Posture of cats: machine learning with fast.ai

During a spare hour I decided to see how fast I could prototype something with the fast.ai library. The library is impressive, I can’t say otherwise. Very quickly I got a working prototype. The result was a fairly decent model to recognize the posture of a cat.

Fast.ai library

Recently I’ve decided to take a look at fast.ai, their course and their library. The best way to do this is to try something and it’s very likely you’ll end up with a cat-related topic. With my desk oriented towards the spot my cat was chilling, I decided to take the library for a spin and recognize cat postures.

To make the post self-contained I’ll note the snippets of code needed. As you’ll see it’s actually very little code - and every line is clear on what it does.

Note: Most of the code was copied from the example notebook in the course of fast.ai.

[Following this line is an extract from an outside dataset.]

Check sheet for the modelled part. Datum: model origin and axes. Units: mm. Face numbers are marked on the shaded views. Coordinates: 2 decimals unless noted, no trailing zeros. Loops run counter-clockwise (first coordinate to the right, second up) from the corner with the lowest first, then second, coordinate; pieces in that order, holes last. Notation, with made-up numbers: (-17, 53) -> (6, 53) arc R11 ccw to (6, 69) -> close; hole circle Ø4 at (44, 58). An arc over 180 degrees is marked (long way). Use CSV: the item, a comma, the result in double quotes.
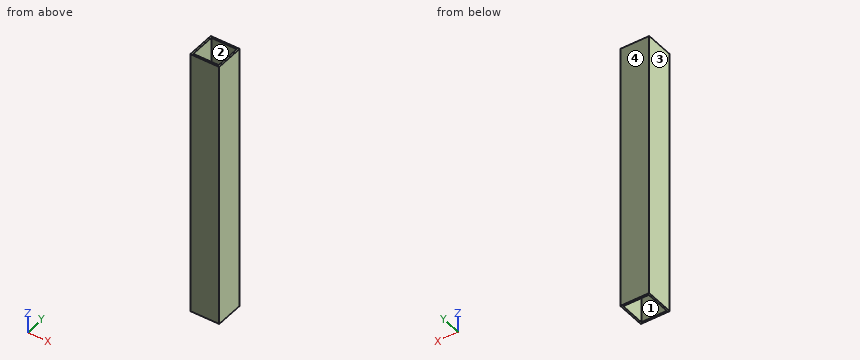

from fastai.vision import *
from fastai.metrics import error_rate

The postures

I picked the first four postures that came to mind:

Lounging
Curled up
Sitting
Walking

Example images of cats with different postures.

Getting the data

There are some pictures of my cat but not sufficient. He is very lazy and is predominantly curled up. In the course of fast.ai they discussed the option to just use Google searches to get a dataset quickly. I have done this before, but they had some nice helpers to really make it a smooth experience:

1) Do a Google Image search yourself. For example, search for “cats curled up”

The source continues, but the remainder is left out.